DB2 Subqueries and CTEs: Complete Guide with Practical Examples
If you work with IBM DB2 — whether on z/OS or LUW — writing a DB2 subquery is something you will do every day. Subqueries let you embed one SELECT inside another, enabling you to filter rows based on derived values, cross-reference tables without explicit joins, and express complex business logic in a single SQL statement. Common Table Expressions (CTEs), introduced with the WITH clause, extend that power further: they let you name a result set, reuse it, and even make it recursive for hierarchical queries.
This guide walks through every major subquery type in DB2, the full syntax of the WITH clause for CTEs, recursive CTE patterns for hierarchical data, performance considerations, and a set of practical examples you can adapt directly to your own work.
Understanding DB2 Subqueries
A subquery is a SELECT statement enclosed in parentheses that appears inside another SQL statement.

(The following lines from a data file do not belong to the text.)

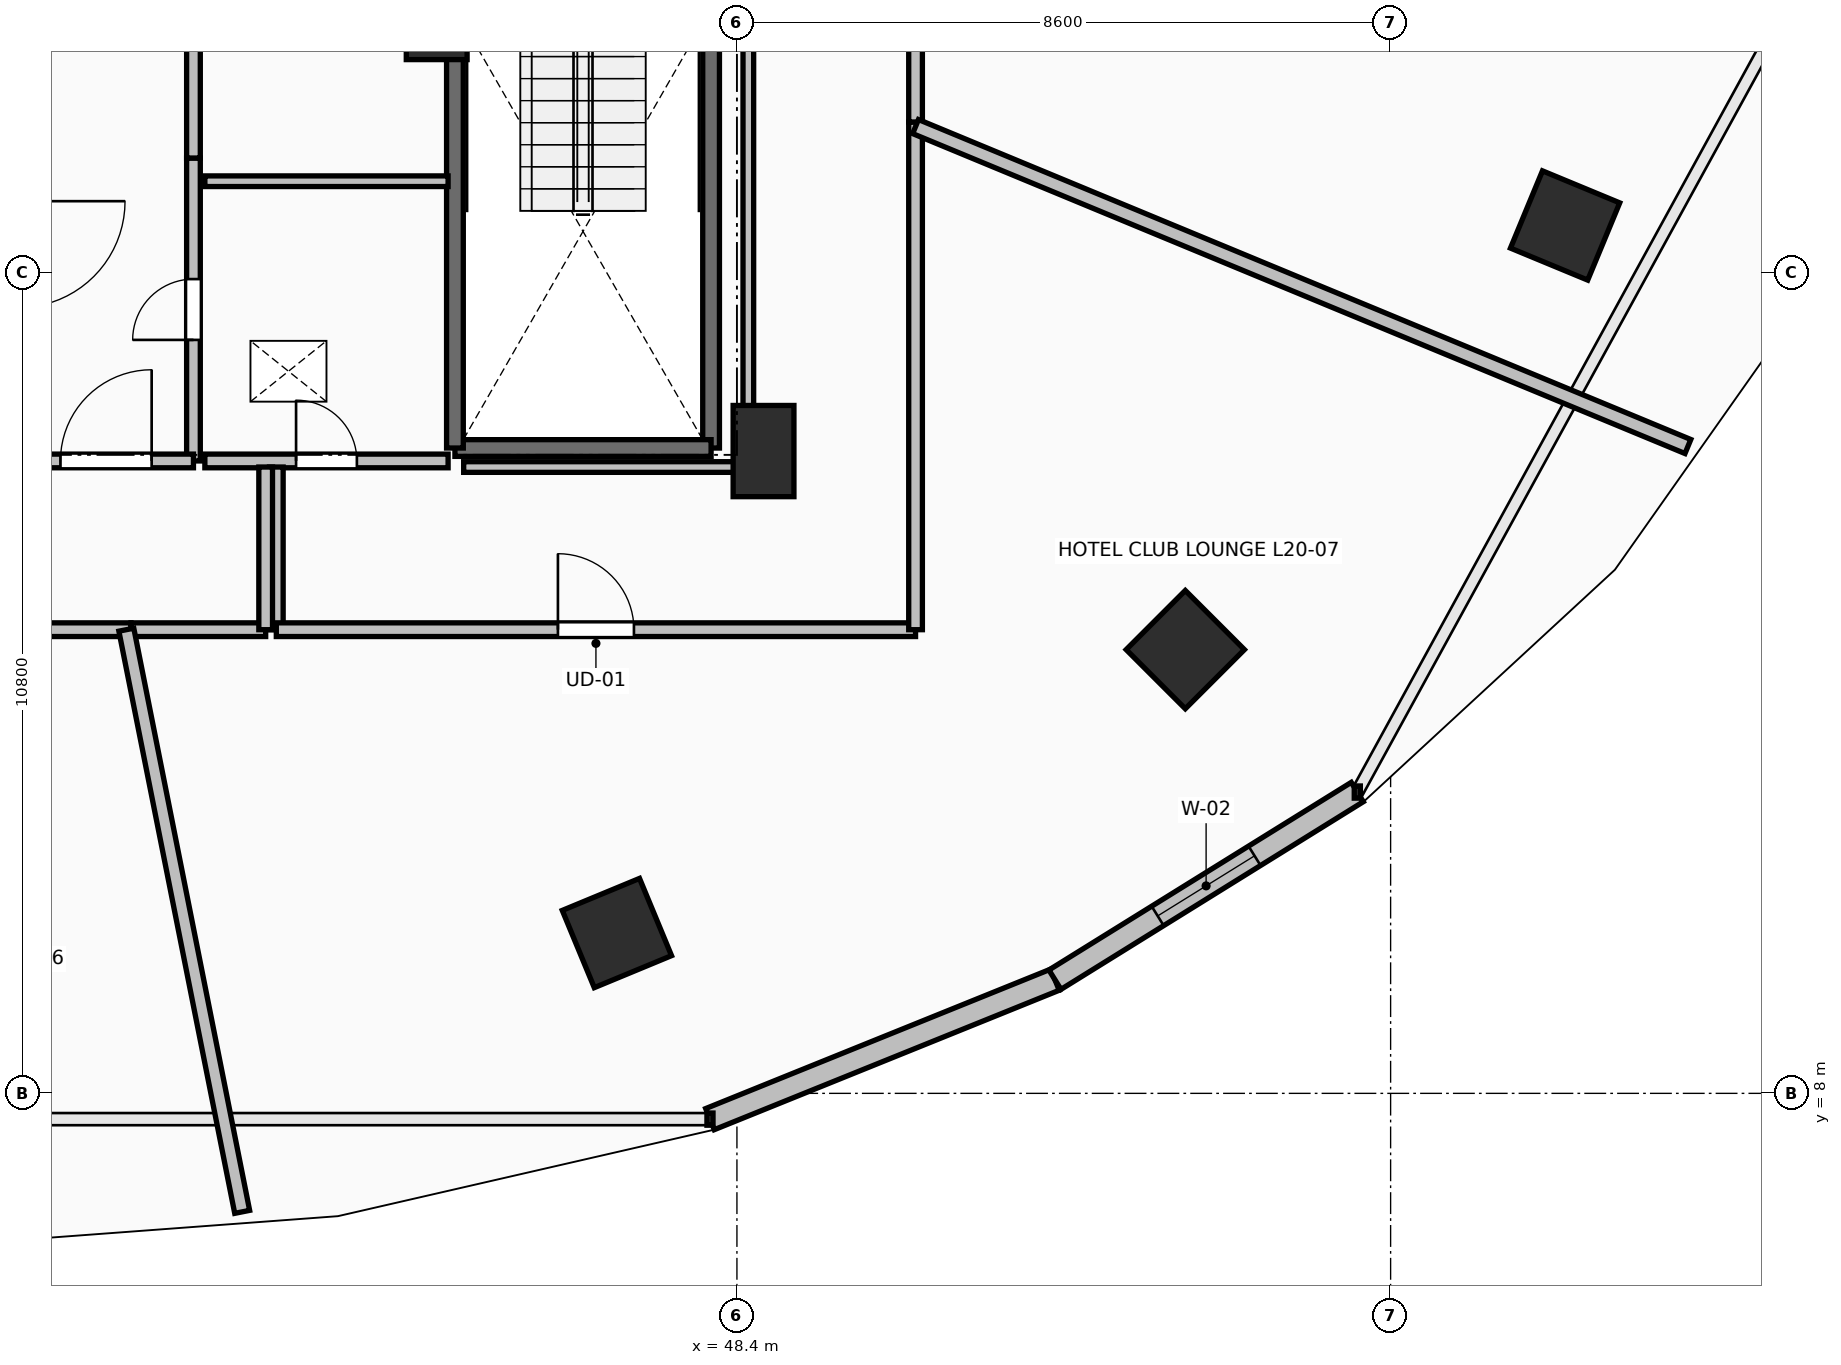
"""IFC4 building model, lengths in metres.
Left out: names, types, materials, properties, quantities, classifications, styles, units other than length and angle.
Written with IfcOpenShell. Run it as: python <this file> out.ifc"""

import sys

from ifc_helpers import new_model, si_unit, direction, frame, frame_2d, origin, origin_2d, place, context, subcontext, project, spatial, rectangle, extrude, element, fill, save


model = new_model("IFC4")
c1 = context("Model", 3, precision=1e-05, world=origin(), true_north=direction((0.0, 1.0)))
c2 = subcontext(c1, "Body", "Model", "MODEL_VIEW")
j1 = project(units=[si_unit("LENGTHUNIT", "METRE"), si_unit("PLANEANGLEUNIT", "RADIAN")], contexts=[c1])
p1 = place(None, origin())
s1 = spatial("IfcSite", under=j1, at=p1, CompositionType="ELEMENT")
p2 = place(p1, origin())
s2 = spatial("IfcBuilding", under=s1, at=p2, CompositionType="ELEMENT")
p3 = place(p2, frame((0.0, 0.0, 78.8)))
s3 = spatial("IfcBuildingStorey", under=s2, at=p3, CompositionType="ELEMENT", Elevation=78.8)
for number, where, z_axis, x_axis in (
    (1, (46.821, 10.109, 0.0), (0.0, 0.0, 1.0), (0.383, -0.924, 0.0)),
    (2, (54.299, 13.838, 0.0), (0.0, 0.0, 1.0), (0.707, -0.707, 0.0)),
    (3, (59.295, 19.418, 0.0), (0.0, 0.0, 1.0), (0.924, -0.383, 0.0)),
):
    element("IfcColumn", number, at=place(p3, frame(where, z_axis=z_axis, x_axis=x_axis)), inside=s3, PredefinedType="COLUMN", context=c2, shape_type="SweptSolid", body=[
        extrude(rectangle(XDim=1.1, YDim=1.1, at=origin_2d()), origin(), (0.0, 0.0, 1.0), 3.5),
    ])
for number, where, z_axis, x_axis in (
    (4, (48.75, 16.45, 0.0), (0.0, 0.0, 1.0), (1.0, 0.0, 0.0)),
    (5, (44.45, 22.2, 0.0), (0.0, 0.0, 1.0), (1.0, 0.0, 0.0)),
):
    element("IfcColumn", number, at=place(p3, frame(where, z_axis=z_axis, x_axis=x_axis)), inside=s3, PredefinedType="PILASTER", context=c2, shape_type="SweptSolid", body=[
        extrude(rectangle(XDim=0.8, YDim=1.2, at=origin_2d()), origin(), (0.0, 0.0, 1.0), 3.5),
    ])
p4 = place(p3, frame((48.045, 7.661, 0.0), z_axis=(0.0, 0.0, 1.0), x_axis=(0.927122233109, 0.374759075775, 0.0)))
e6 = element("IfcWall", 6, at=p4, inside=s3, PredefinedType="STANDARD", context=c2, shape_type="SweptSolid", body=[
    extrude(rectangle(XDim=4.895, YDim=0.3, at=frame_2d((2.448, 0.0))), origin(), (0.0, 0.0, 1.0), 3.24),
])
p5 = place(p3, frame((52.584, 9.495, 0.0), z_axis=(0.0, 0.0, 1.0), x_axis=(0.849684479743, 0.527291461038, 0.0)))
e7 = element("IfcWall", 7, at=p5, inside=s3, PredefinedType="STANDARD", context=c2, shape_type="SweptSolid", body=[
    extrude(rectangle(XDim=4.681, YDim=0.3, at=frame_2d((2.341, 0.0))), origin(), (0.0, 0.0, 1.0), 3.24),
])
p6 = place(p5, frame((1.591, 0.0, 0.85)))
e8 = element("IfcOpeningElement", 8, at=p6, cuts=e7, PredefinedType="OPENING", context=c2, shape_type="SweptSolid", body=[
    extrude(rectangle(XDim=1.5, YDim=2.19, at=frame_2d((0.75, 1.095))), frame((0.0, 0.165, 0.0), z_axis=(0.0, -1.0, 0.0), x_axis=(1.0, 0.0, 0.0)), (0.0, 0.0, 1.0), 0.33),
])
p7 = place(p3, frame((48.06, 23.91, 0.0), z_axis=(0.0, 0.0, 1.0), x_axis=(0.0, -1.0, 0.0)))
e9 = element("IfcWall", 9, at=p7, inside=s3, PredefinedType="SOLIDWALL", context=c2, shape_type="SweptSolid", body=[
    extrude(rectangle(XDim=7.42, YDim=0.22, at=frame_2d((3.71, 0.0))), origin(), (0.0, 0.0, 1.0), 3.24),
])
p8 = place(p3, frame((48.06, 16.49, 0.0), z_axis=(0.0, 0.0, 1.0), x_axis=(-1.0, 0.0, 0.0)))
e10 = element("IfcWall", 10, at=p8, inside=s3, PredefinedType="SOLIDWALL", context=c2, shape_type="SweptSolid", body=[
    extrude(rectangle(XDim=3.37, YDim=0.22, at=frame_2d((1.685, 0.0))), origin(), (0.0, 0.0, 1.0), 3.24),
])
p9 = place(p3, frame((44.69, 16.49, 0.0), z_axis=(0.0, 0.0, 1.0), x_axis=(0.0, 1.0, 0.0)))
e11 = element("IfcWall", 11, at=p9, inside=s3, PredefinedType="SOLIDWALL", context=c2, shape_type="SweptSolid", body=[
    extrude(rectangle(XDim=7.42, YDim=0.22, at=frame_2d((3.71, 0.0))), origin(), (0.0, 0.0, 1.0), 3.24),
])
p10 = place(p3, frame((41.25, 16.32, 0.0), z_axis=(0.0, 0.0, 1.0), x_axis=(0.0, 1.0, 0.0)))
e12 = element("IfcWall", 12, at=p10, inside=s3, PredefinedType="PARTITIONING", context=c2, shape_type="SweptSolid", body=[
    extrude(rectangle(XDim=3.985, YDim=0.18, at=frame_2d((1.992, 0.0))), origin(), (0.0, 0.0, 1.0), 3.24),
])
p11 = place(p10, frame((1.593, 0.0, 0.0)))
e13 = element("IfcOpeningElement", 13, at=p11, cuts=e12, PredefinedType="OPENING", context=c2, shape_type="SweptSolid", body=[
    extrude(rectangle(XDim=0.8, YDim=2.05, at=frame_2d((0.4, 1.025))), frame((0.0, 0.105, 0.0), z_axis=(0.0, -1.0, 0.0), x_axis=(1.0, 0.0, 0.0)), (0.0, 0.0, 1.0), 0.21),
])
p12 = place(p3, frame((41.25, 20.305, 0.0), z_axis=(0.0, 0.0, 1.0), x_axis=(0.0, 1.0, 0.0)))
e14 = element("IfcWall", 14, at=p12, inside=s3, PredefinedType="PARTITIONING", context=c2, shape_type="SweptSolid", body=[
    extrude(rectangle(XDim=3.895, YDim=0.18, at=frame_2d((1.948, 0.0))), origin(), (0.0, 0.0, 1.0), 3.24),
])
p13 = place(p12, frame((1.522, 0.0, 0.0)))
e15 = element("IfcOpeningElement", 15, at=p13, cuts=e14, PredefinedType="OPENING", context=c2, shape_type="SweptSolid", body=[
    extrude(rectangle(XDim=0.85, YDim=2.1, at=frame_2d((0.425, 1.05))), frame((0.0, 0.105, 0.0), z_axis=(0.0, -1.0, 0.0), x_axis=(1.0, 0.0, 0.0)), (0.0, 0.0, 1.0), 0.21),
])
p14 = place(p3, frame((38.95, 16.32, 0.0), z_axis=(0.0, 0.0, 1.0), x_axis=(1.0, 0.0, 0.0)))
e16 = element("IfcWall", 16, at=p14, inside=s3, PredefinedType="PARTITIONING", context=c2, shape_type="SweptSolid", body=[
    extrude(rectangle(XDim=2.3, YDim=0.18, at=frame_2d((1.15, 0.0))), origin(), (0.0, 0.0, 1.0), 3.24),
])
p15 = place(p14, frame((0.55, 0.0, 0.0)))
e17 = element("IfcOpeningElement", 17, at=p15, cuts=e16, PredefinedType="OPENING", context=c2, shape_type="SweptSolid", body=[
    extrude(rectangle(XDim=1.2, YDim=2.15, at=frame_2d((0.6, 1.075))), frame((0.0, 0.105, 0.0), z_axis=(0.0, -1.0, 0.0), x_axis=(1.0, 0.0, 0.0)), (0.0, 0.0, 1.0), 0.21),
])
p16 = place(p3, frame((44.6, 20.0, 0.0), z_axis=(0.0, 0.0, 1.0), x_axis=(-1.0, 0.0, 0.0)))
e18 = element("IfcWall", 18, at=p16, inside=s3, PredefinedType="PARTITIONING", context=c2, shape_type="SweptSolid", body=[
    extrude(rectangle(XDim=3.2, YDim=0.14, at=frame_2d((1.6, 0.0))), origin(), (0.0, 0.0, 1.0), 3.24),
])
p17 = place(p3, frame((41.4, 16.32, 0.0), z_axis=(0.0, 0.0, 1.0), x_axis=(1.0, 0.0, 0.0)))
e19 = element("IfcWall", 19, at=p17, inside=s3, PredefinedType="PARTITIONING", context=c2, shape_type="SweptSolid", body=[
    extrude(rectangle(XDim=3.2, YDim=0.18, at=frame_2d((1.6, 0.0))), origin(), (0.0, 0.0, 1.0), 3.24),
])
p18 = place(p17, frame((1.2, 0.0, 0.0)))
e20 = element("IfcOpeningElement", 20, at=p18, cuts=e19, PredefinedType="OPENING", context=c2, shape_type="SweptSolid", body=[
    extrude(rectangle(XDim=0.8, YDim=2.05, at=frame_2d((0.4, 1.025))), frame((0.0, 0.105, 0.0), z_axis=(0.0, -1.0, 0.0), x_axis=(1.0, 0.0, 0.0)), (0.0, 0.0, 1.0), 0.21),
])
p19 = place(p3, frame((36.341, 14.1, 0.0), z_axis=(0.0, 0.0, 1.0), x_axis=(1.0, 0.0, 0.0)))
e21 = element("IfcWall", 21, at=p19, inside=s3, PredefinedType="PARTITIONING", context=c2, shape_type="SweptSolid", body=[
    extrude(rectangle(XDim=4.087, YDim=0.18, at=frame_2d((2.043, 0.0))), origin(), (0.0, 0.0, 1.0), 2.922),
])
p20 = place(p19, frame((1.519, 0.0, 0.0)))
e22 = element("IfcOpeningElement", 22, at=p20, cuts=e21, PredefinedType="OPENING", context=c2, shape_type="SweptSolid", body=[
    extrude(rectangle(XDim=1.05, YDim=2.2, at=frame_2d((0.525, 1.1))), frame((0.0, 0.105, 0.0), z_axis=(0.0, -1.0, 0.0), x_axis=(1.0, 0.0, 0.0)), (0.0, 0.0, 1.0), 0.21),
])
p21 = place(p3, frame((42.34, 16.24, 0.0), z_axis=(0.0, 0.0, 1.0), x_axis=(0.0, -1.0, 0.0)))
e23 = element("IfcWall", 23, at=p21, inside=s3, PredefinedType="PARTITIONING", context=c2, shape_type="SweptSolid", body=[
    extrude(rectangle(XDim=2.14, YDim=0.18, at=frame_2d((1.07, 0.0))), origin(), (0.0, 0.0, 1.0), 2.922),
])
p22 = place(p3, frame((42.34, 14.1, 0.0), z_axis=(0.0, 0.0, 1.0), x_axis=(1.0, 0.0, 0.0)))
e24 = element("IfcWall", 24, at=p22, inside=s3, PredefinedType="PARTITIONING", context=c2, shape_type="SweptSolid", body=[
    extrude(rectangle(XDim=8.41, YDim=0.18, at=frame_2d((4.205, 0.0))), origin(), (0.0, 0.0, 1.0), 2.432),
])
p23 = place(p22, frame((3.705, 0.0, 0.0)))
e25 = element("IfcOpeningElement", 25, at=p23, cuts=e24, PredefinedType="OPENING", context=c2, shape_type="SweptSolid", body=[
    extrude(rectangle(XDim=1.0, YDim=2.15, at=frame_2d((0.5, 1.075))), frame((0.0, 0.105, 0.0), z_axis=(0.0, -1.0, 0.0), x_axis=(1.0, 0.0, 0.0)), (0.0, 0.0, 1.0), 0.21),
])
p24 = place(p3, frame((50.75, 14.1, 0.0), z_axis=(0.0, 0.0, 1.0), x_axis=(0.0, 1.0, 0.0)))
e26 = element("IfcWall", 26, at=p24, inside=s3, PredefinedType="PARTITIONING", context=c2, shape_type="SweptSolid", body=[
    extrude(rectangle(XDim=6.679, YDim=0.18, at=frame_2d((3.339, 0.0))), origin(), (0.0, 0.0, 1.0), 2.432),
])
p25 = place(p3, frame((40.428, 14.1, 0.0), z_axis=(0.0, 0.0, 1.0), x_axis=(1.0, 0.0, 0.0)))
e27 = element("IfcWall", 27, at=p25, inside=s3, PredefinedType="PARTITIONING", context=c2, shape_type="SweptSolid", body=[
    extrude(rectangle(XDim=1.772, YDim=0.18, at=frame_2d((0.886, 0.0))), origin(), (0.0, 0.0, 1.0), 2.922),
])
p26 = place(p3, frame((42.2, 14.1, 0.0), z_axis=(0.0, 0.0, 1.0), x_axis=(0.0, 1.0, 0.0)))
e28 = element("IfcWall", 28, at=p26, inside=s3, PredefinedType="PARTITIONING", context=c2, shape_type="SweptSolid", body=[
    extrude(rectangle(XDim=2.14, YDim=0.18, at=frame_2d((1.07, 0.0))), origin(), (0.0, 0.0, 1.0), 2.922),
])
p27 = place(p3, frame((50.75, 20.779, 0.0), z_axis=(0.0, 0.0, 1.0), x_axis=(0.0, 1.0, 0.0)))
e29 = element("IfcWall", 29, at=p27, inside=s3, PredefinedType="PARTITIONING", context=c2, shape_type="SweptSolid", body=[
    extrude(rectangle(XDim=13.54, YDim=0.18, at=frame_2d((6.77, 0.0))), origin(), (0.0, 0.0, 1.0), 2.432),
])
p28 = place(p27, frame((6.27, 0.0, 0.0)))
e30 = element("IfcOpeningElement", 30, at=p28, cuts=e29, PredefinedType="OPENING", context=c2, shape_type="SweptSolid", body=[
    extrude(rectangle(XDim=1.0, YDim=2.15, at=frame_2d((0.5, 1.075))), frame((0.0, 0.105, 0.0), z_axis=(0.0, -1.0, 0.0), x_axis=(1.0, 0.0, 0.0)), (0.0, 0.0, 1.0), 0.21),
])
p29 = place(p3, frame((41.891, 6.441, 0.0), z_axis=(0.0, 0.0, 1.0), x_axis=(-0.195172155482, 0.980768999166, 0.0)))
e31 = element("IfcWall", 31, at=p29, inside=s3, PredefinedType="PARTITIONING", context=c2, shape_type="SweptSolid", body=[
    extrude(rectangle(XDim=7.809, YDim=0.2, at=frame_2d((3.905, 0.0))), origin(), (0.0, 0.0, 1.0), 2.432),
])
p30 = place(p3, frame((60.911, 16.51, 0.0), z_axis=(0.0, 0.0, 1.0), x_axis=(-0.923872894692, 0.382699457086, 0.0)))
e32 = element("IfcWall", 32, at=p30, inside=s3, PredefinedType="PARTITIONING", context=c2, shape_type="SweptSolid", body=[
    extrude(rectangle(XDim=10.998, YDim=0.2, at=frame_2d((5.499, 0.0))), origin(), (0.0, 0.0, 1.0), 2.677),
])
p31 = place(p3, frame((48.55, 23.754, 0.0), z_axis=(0.0, 0.0, 1.0), x_axis=(0.0, -1.0, 0.0)))
e33 = element("IfcWall", 33, at=p31, inside=s3, PredefinedType="PARTITIONING", context=c2, shape_type="SweptSolid", body=[
    extrude(rectangle(XDim=7.514, YDim=0.14, at=frame_2d((3.757, 0.0))), origin(), (0.0, 0.0, 1.0), 2.432),
])
p32 = place(p3, frame((48.55, 16.24, 0.0), z_axis=(0.0, 0.0, 1.0), x_axis=(-1.0, 0.0, 0.0)))
e34 = element("IfcWall", 34, at=p32, inside=s3, PredefinedType="PARTITIONING", context=c2, shape_type="SweptSolid", body=[
    extrude(rectangle(XDim=3.745, YDim=0.14, at=frame_2d((1.873, 0.0))), origin(), (0.0, 0.0, 1.0), 2.432),
])
p33 = place(p6, origin())
e35 = element("IfcWindow", 35, at=p33, inside=s3, PartitioningType="SINGLE_PANEL", PredefinedType="WINDOW", context=c2, shape_type="SweptSolid", body=[
    extrude(rectangle(XDim=1.5, YDim=2.19, at=frame_2d((0.75, 1.095))), frame((0.0, 0.03, 0.0), z_axis=(0.0, -1.0, 0.0), x_axis=(1.0, 0.0, 0.0)), (0.0, 0.0, 1.0), 0.06),
])
fill(e8, e35)
p34 = place(p11, origin())
e36 = element("IfcDoor", 36, at=p34, inside=s3, OperationType="SINGLE_SWING_LEFT", PredefinedType="DOOR", context=c2, shape_type="SweptSolid", body=[
    extrude(rectangle(XDim=0.8, YDim=2.05, at=frame_2d((0.4, 1.025))), frame((0.0, 0.025, 0.0), z_axis=(0.0, -1.0, 0.0), x_axis=(1.0, 0.0, 0.0)), (0.0, 0.0, 1.0), 0.05),
])
fill(e13, e36)
p35 = place(p15, origin())
e37 = element("IfcDoor", 37, at=p35, inside=s3, OperationType="SINGLE_SWING_RIGHT", PredefinedType="DOOR", context=c2, shape_type="SweptSolid", body=[
    extrude(rectangle(XDim=1.2, YDim=2.15, at=frame_2d((0.6, 1.075))), frame((0.0, 0.025, 0.0), z_axis=(0.0, -1.0, 0.0), x_axis=(1.0, 0.0, 0.0)), (0.0, 0.0, 1.0), 0.05),
])
fill(e17, e37)
p36 = place(p18, origin())
e38 = element("IfcDoor", 38, at=p36, inside=s3, OperationType="SINGLE_SWING_LEFT", PredefinedType="DOOR", context=c2, shape_type="SweptSolid", body=[
    extrude(rectangle(XDim=0.8, YDim=2.05, at=frame_2d((0.4, 1.025))), frame((0.0, 0.025, 0.0), z_axis=(0.0, -1.0, 0.0), x_axis=(1.0, 0.0, 0.0)), (0.0, 0.0, 1.0), 0.05),
])
fill(e20, e38)
p37 = place(p23, origin())
e39 = element("IfcDoor", 39, at=p37, inside=s3, OperationType="SINGLE_SWING_LEFT", PredefinedType="DOOR", context=c2, shape_type="SweptSolid", body=[
    extrude(rectangle(XDim=1.0, YDim=2.15, at=frame_2d((0.5, 1.075))), frame((0.0, 0.025, 0.0), z_axis=(0.0, -1.0, 0.0), x_axis=(1.0, 0.0, 0.0)), (0.0, 0.0, 1.0), 0.05),
])
fill(e25, e39)
save(model, sys.argv[1])

DB2 supports subqueries in the WHERE clause, the FROM clause (as a derived table), the SELECT list (scalar subquery), and inside INSERT, UPDATE, and DELETE statements.
The outer statement that contains the subquery is called the outer query or parent query. The subquery is also called an inner query.
Scalar Subqueries
A scalar subquery returns exactly one row and one column. You can use it anywhere a single value is expected — inside a SELECT list, a WHERE condition, or even in a SET clause of an UPDATE.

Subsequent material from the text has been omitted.